# Beginner Biab Setup



## datou (15/1/10)

Hello all,

I've been mucking about with a few basic BIABs in a 19L pot on the stovetop, and I'm ready to move on to a full size setup. I've managed to talk SWMBO into letting me spend a few hundred $ to setup (based on the agreement that I get out of the kitchen).

I've read around a bit, but still not sure on whether to go with a 40L urn or a gas burner/pot type setup. The thing that worries me about the pot setup is trying to syphon the wort into a fermentor. Is it easy to setup some kind of tap system in one of these pots?

Also, if any perth people can suggest suppliers (for urns or burners+pots) it would be muchly appreciated.


----------



## Thirsty Boy (15/1/10)

Its pretty easy to put a hole and a tap into the side of a pot. Especially if you go with an aluminium pot.

Urns are great for keeping it to a "1 bit of gear" solution. But are a little on the expensive and a little on the small side. The biggest urn is about the smallest practical BIAB pot for the "stock" BIAB method.

You could buy a 60 or 70L aluminium stock pot and a Three ring burner for less than or equal to an urn; and this would give you a nice big pot that would allow you to do "double" batches without any trouble, but wouldn't be too big to do a single batch in practically.

At the end of the day... I reckon you would be within $50 or so whichever option you take.. but you get a "bigger" and perhaps more flexible system by going the DIY pot and burner route.

Mind you, you need a gas bottle and regulator and to buy gas... so the money thing evens out after a while just on the basis of purchasing gas.



You want a pot (with tap) and burner - or an urn
A bag
A stable way to have the whole kit about 2 feet off the ground. If using a burner the solution needs to be fireproof, if using an urn two milk crates does the job nicely.
A way to cool the wort, either a chiller or a no-chill cube.

and optionally, but very usefully, some sort of a way to hang the bag over the pot. Rope, pulley, hook, winch, garage door... use your imagination.

Seeing as you have been doing stovetop brews, I assume you have all the required themometers, hydrometers etc etc.

TB

You are in Perth - talk to Gryphon Homebrew. They know about BIAB and will be able to help you out.


----------



## thanme (15/1/10)

Talk to PistolPatch too. BIAB is like gospel to him


----------



## crundle (15/1/10)

Also look to your future needs when considering which way to go.
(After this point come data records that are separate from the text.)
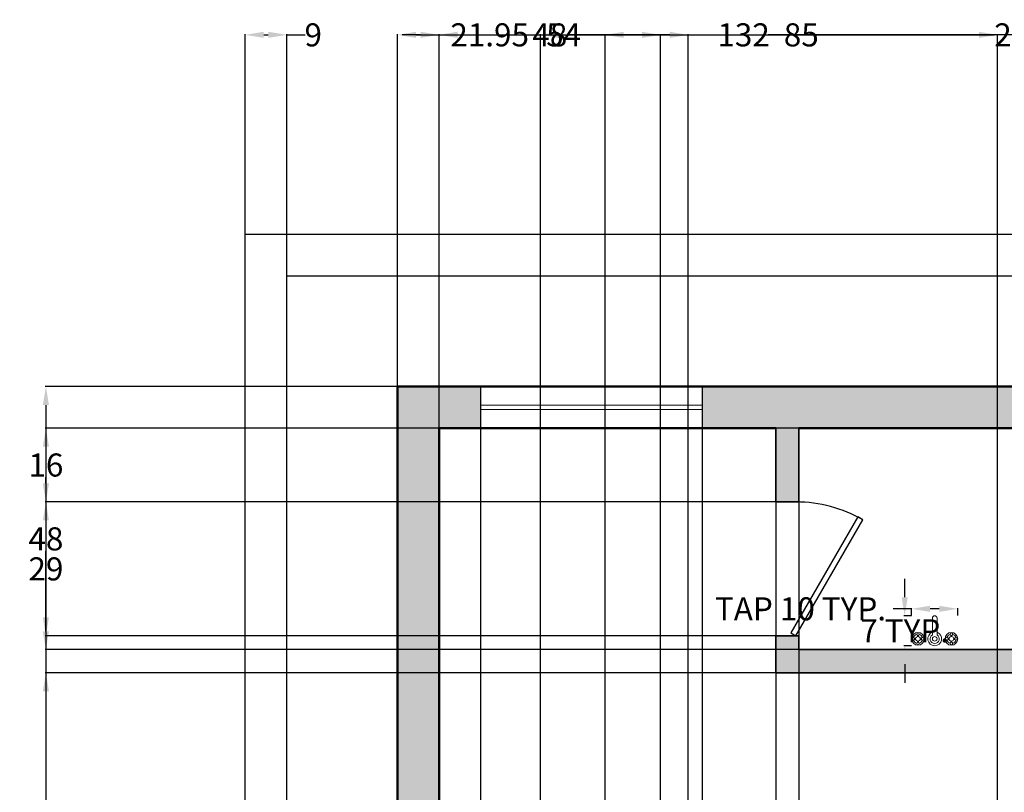
# Model space of a CAD drawing. Units: inches. Extents: x 882 to 1363, y 890 to 1847.
# Tile 8 of 9: x 901 to 1114, y 1680 to 1847. Entities that reach past the tile are written whole.
import ezdxf

# ---------------------------------------------------------------- set-up
doc = ezdxf.new("R2010")
doc.units = ezdxf.units.IN
doc.header["$MEASUREMENT"] = 0
for name, color, linetype, lineweight in [('A-ANNO-DIMS', 2, 'Continuous', 18), ('C-PROP', 7, 'Continuous', 25), ('doors', 3, 'Continuous', 25), ('inner wall', 50, 'Continuous', 35), ('outer wall', 40, 'Continuous', 50), ('sanitary', 231, 'Continuous', 18), ('windows', 226, 'Continuous', 18)]:
    doc.layers.add(name, color=color, linetype=linetype, lineweight=lineweight)
doc.layers.add('A-WALL-PATT', color=251, linetype='Continuous', lineweight=13, true_color=0x636466)
doc.styles.get("Standard").update_dxf_attribs({"font": 'arial.ttf'})
doc.dimstyles.get("Standard").update_dxf_attribs({"dimtxt": 5, "dimasz": 4, "dimexe": 0.18, "dimexo": 0.0625, "dimgap": 0.09, "dimtad": 0, "dimtih": 1, "dimtoh": 1, "dimdec": 1, "dimzin": 0, "dimdsep": 46, "dimlunit": 3, "dimtxsty": 'Standard', "dimcen": 0.09, "dimadec": 0, "dimazin": 0, "dimtfac": 1, "dimtdec": 1, "dimtofl": 0, "dimtmove": 0, "dimatfit": 3, "dimfxl": 1, "dimtolj": 1, "dimtzin": 0, "dimarcsym": 0})

# ---------------------------------------------------------------- blocks, each defined once
blk = doc.blocks.new('*U4')
for p, q in [((0, 0), (0, -6)), ((-40, 0), (-40, -6))]:
    blk.add_line(p, q)
blk.add_lwpolyline([(0, 0), (-34.64, 20), (-35.52, 18.48), (-0.88, -1.52)], close=True)
blk.add_arc((0, 0), 40, 150, 180)
blk = doc.blocks.new('Faucet - Bathroom top')
for p, q in [((-4.107, 0.125), (-4.375, 0.125)), ((-3.75, 0.4788), (-3.75, 0.75)), ((-3.5, 0.482), (-3.5, 0.75)), ((-3.1461, 0.125), (-2.875, 0.125)), ((3.143, 0.125), (2.875, 0.125)), ((3.5, 0.4788), (3.5, 0.75)), ((3.75, 0.482), (3.75, 0.75)), ((4.1039, 0.125), (4.375, 0.125)), ((-4.1039, -0.125), (-4.375, -0.125)), ((-3.75, -0.4821), (-3.75, -0.75)), ((-3.5, -0.4789), (-3.5, -0.75)), ((-3.143, -0.125), (-2.875, -0.125)), ((-0.5, -0.8639), (-0.5, -4.5)), ((0.5, -4.5), (0.5, -0.8631)), ((3.1461, -0.125), (2.875, -0.125)), ((3.5, -0.4821), (3.5, -0.75)), ((3.75, -0.4789), (3.75, -0.75)), ((4.107, -0.125), (4.375, -0.125))]:
    blk.add_line(p, q)
for centre, radius in [((-3.625, 0), 1.375), ((-4.625, 0), 0.2795), ((-3.625, 0), 0.5), ((-3.625, 1), 0.2795), ((-2.625, 0), 0.2795), ((0, 0), 0.5), ((3.625, 0), 1.375), ((2.625, 0), 0.2795), ((3.625, 0), 0.5), ((3.625, 1), 0.2795), ((4.625, 0), 0.2795), ((-3.625, -1), 0.2795), ((3.625, -1), 0.2795)]:
    blk.add_circle(centre, radius)
for centre, radius, start, end in [((-3.625, 0), 1, 105.2407, 164.2093), ((-3.625, 0), 1, 16.44125, 74.07887), ((0, 0), 1.5, 289.6514, 250.3603), ((0, 0), 1, 300.3431, 239.7554), ((3.625, 0), 1, 106.12, 164.0884), ((3.625, 0), 1, 16.23422, 73.90469), ((-3.625, 0), 1, 196.2342, 253.9047), ((-3.625, 0), 1, 286.12, 344.0884), ((3.625, 0), 1, 196.4413, 254.0789), ((3.625, 0), 1, 285.2407, 344.2093), ((0, -4.5), 0.5, 180, 0)]:
    blk.add_arc(centre, radius, start, end)
blk = doc.blocks.new('*D21')
at = {"layer": 'A-ANNO-DIMS', "color": 0, "lineweight": -2, "transparency": 16777216}
for p, q in [((1094.25, 1719.59), (1090.25, 1719.59)), ((1094.25, 1718.15), (1094.25, 1719.77)), ((1100.25, 1719.59), (1098.25, 1719.59)), ((1104.25, 1718.15), (1104.25, 1719.77))]:
    blk.add_line(p, q, dxfattribs=at)
at = {"layer": 'A-ANNO-DIMS', "color": 0, "transparency": 16777216}
for points in [[(1098.25, 1720.26), (1098.25, 1718.93), (1094.25, 1719.59)], [(1100.25, 1720.26), (1100.25, 1718.93), (1104.25, 1719.59)]]:
    blk.add_solid(points, dxfattribs=at)
at = {"layer": 'Defpoints', "color": 0, "transparency": 16777216}
for p in [(1094.25, 1719.59), (1094.25, 1718.09), (1104.25, 1718.09)]:
    blk.add_point(p, dxfattribs=at)
at = {"layer": 'A-ANNO-DIMS', "color": 0, "transparency": 16777216, "insert": (1070.17, 1719.59), "char_height": 5, "attachment_point": 5}
blk.add_mtext('\\A1;TAP 10 TYP.', dxfattribs=at)
blk = doc.blocks.new('*D22')
at = {"layer": 'A-ANNO-DIMS', "color": 0, "lineweight": -2, "transparency": 16777216}
for p, q in [((1092.75, 1722.09), (1092.75, 1726.09)), ((1094.19, 1718.09), (1092.57, 1718.09)), ((1094.19, 1711.59), (1092.57, 1711.59)), ((1092.75, 1707.59), (1092.75, 1703.59))]:
    blk.add_line(p, q, dxfattribs=at)
at = {"layer": 'A-ANNO-DIMS', "color": 0, "transparency": 16777216}
for points in [[(1092.09, 1722.09), (1093.42, 1722.09), (1092.75, 1718.09)], [(1092.09, 1707.59), (1093.42, 1707.59), (1092.75, 1711.59)]]:
    blk.add_solid(points, dxfattribs=at)
at = {"layer": 'Defpoints', "color": 0, "transparency": 16777216}
for p in [(1094.25, 1718.09), (1092.75, 1711.59), (1094.25, 1711.59)]:
    blk.add_point(p, dxfattribs=at)
at = {"layer": 'A-ANNO-DIMS', "color": 0, "transparency": 16777216, "insert": (1092.75, 1714.84), "char_height": 5, "attachment_point": 5}
blk.add_mtext('\\A1;7 TYP.', dxfattribs=at)
blk = doc.blocks.new('*D37')
at = {"layer": 'A-ANNO-DIMS', "color": 0, "lineweight": -2, "transparency": 16777216}
for p, q in [((982.78, 1767.75), (906.46, 1767.75)), ((906.64, 1763.75), (906.64, 1383.34)), ((906.64, 997.75), (906.64, 1378.16)), ((982.78, 993.75), (906.46, 993.75))]:
    blk.add_line(p, q, dxfattribs=at)
at = {"layer": 'A-ANNO-DIMS', "color": 0, "transparency": 16777216}
for points in [[(905.97, 1763.75), (907.3, 1763.75), (906.64, 1767.75)], [(905.97, 997.75), (907.3, 997.75), (906.64, 993.75)]]:
    blk.add_solid(points, dxfattribs=at)
at = {"layer": 'Defpoints', "color": 0, "transparency": 16777216}
for p in [(906.64, 1767.75), (982.84, 1767.75), (982.84, 993.75)]:
    blk.add_point(p, dxfattribs=at)
at = {"layer": 'A-ANNO-DIMS', "color": 0, "transparency": 16777216, "insert": (906.64, 1380.75), "char_height": 5, "attachment_point": 5}
blk.add_mtext('\\A1;774', dxfattribs=at)
blk = doc.blocks.new('*D38')
at = {"layer": 'A-ANNO-DIMS', "color": 0, "lineweight": -2, "transparency": 16777216}
for p, q in [((949.84, 1800.81), (949.84, 1844.13)), ((953.84, 1843.95), (954.84, 1843.95)), ((958.84, 1791.81), (958.84, 1844.13)), ((958.84, 1843.95), (962.84, 1843.95))]:
    blk.add_line(p, q, dxfattribs=at)
at = {"layer": 'A-ANNO-DIMS', "color": 0, "transparency": 16777216}
for points in [[(953.84, 1844.62), (953.84, 1843.29), (949.84, 1843.95)], [(954.84, 1844.62), (954.84, 1843.29), (958.84, 1843.95)]]:
    blk.add_solid(points, dxfattribs=at)
at = {"layer": 'Defpoints', "color": 0, "transparency": 16777216}
for p in [(958.84, 1843.95), (949.84, 1800.75), (958.84, 1791.75)]:
    blk.add_point(p, dxfattribs=at)
at = {"layer": 'A-ANNO-DIMS', "color": 0, "transparency": 16777216, "insert": (964.57, 1843.95), "char_height": 5, "attachment_point": 5}
blk.add_mtext('\\A1;9', dxfattribs=at)
blk = doc.blocks.new('*D39')
at = {"layer": 'A-ANNO-DIMS', "color": 0, "lineweight": -2, "transparency": 16777216}
for p, q in [((982.84, 1767.81), (982.84, 1844.13)), ((986.84, 1843.95), (1112.19, 1843.95)), ((1248.84, 1843.95), (1123.49, 1843.95)), ((1252.84, 1767.81), (1252.84, 1844.13))]:
    blk.add_line(p, q, dxfattribs=at)
at = {"layer": 'A-ANNO-DIMS', "color": 0, "transparency": 16777216}
for points in [[(986.84, 1844.62), (986.84, 1843.29), (982.84, 1843.95)], [(1248.84, 1844.62), (1248.84, 1843.29), (1252.84, 1843.95)]]:
    blk.add_solid(points, dxfattribs=at)
at = {"layer": 'Defpoints', "color": 0, "transparency": 16777216}
for p in [(1252.84, 1843.95), (982.84, 1767.75), (1252.84, 1767.75)]:
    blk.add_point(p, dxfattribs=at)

An urn will double as a HLT if you ever go to 3 vessel brewing, while the 70-80 litre pot will obviously be able to be used as the boil vessel.

A big advantage of the bigger pot is the ability to do double batches, which save you brewing time in the long run.

cheers,

Crundle


----------



## QldKev (15/1/10)

crundle said:


> Also look to your future needs when considering which way to go. An urn will double as a HLT if you ever go to 3 vessel brewing, while the 70-80 litre pot will obviously be able to be used as the boil vessel.
> 
> A big advantage of the bigger pot is the ability to do double batches, which save you brewing time in the long run.
> 
> ...



The urns will work, but you are limited by the volume; there are a lot of people using them.
I have a 40L, a 50L and an 82L pot. I started with the the 40L, it will brew a batch no problems, the extra space of the 50L is soo much better. Same with the 82L for a double, it is about the smallest size I would recommend. If I had only 1 pot to pick I would go the big pot for a double, either a 90L or 98L, and a decent gas burner. But the double / single batch debate probably also comes down to how much beer gets consumed, at my place I average just under 1 keg a week, if a keg lasts you a month then it is probably not as much an issue. Also with a double batch you need something to hang the bag from, as in this pic Pic of my BIAB stang I have an arm with a pulley system to lift the bag. If you don't need portability you could hand it from a beam or something.


QldKev


----------



## seemax (15/1/10)

Aluminium pot of around 40L minimum if you plan to mash in that. Check ebay, used catery equip, friends, wherever. Mitre 10 have ball valve taps with a threaded tube and a outlet which fits 12mm vinyl tube perfectly, around $15. Make a hole about 40mm from bottom (combo of drill and dremel and hand file if necessary). Slide in your tap, add a nut and washer and an 90 degree elbow on the inside (so it sucks wort right from the base).. voila!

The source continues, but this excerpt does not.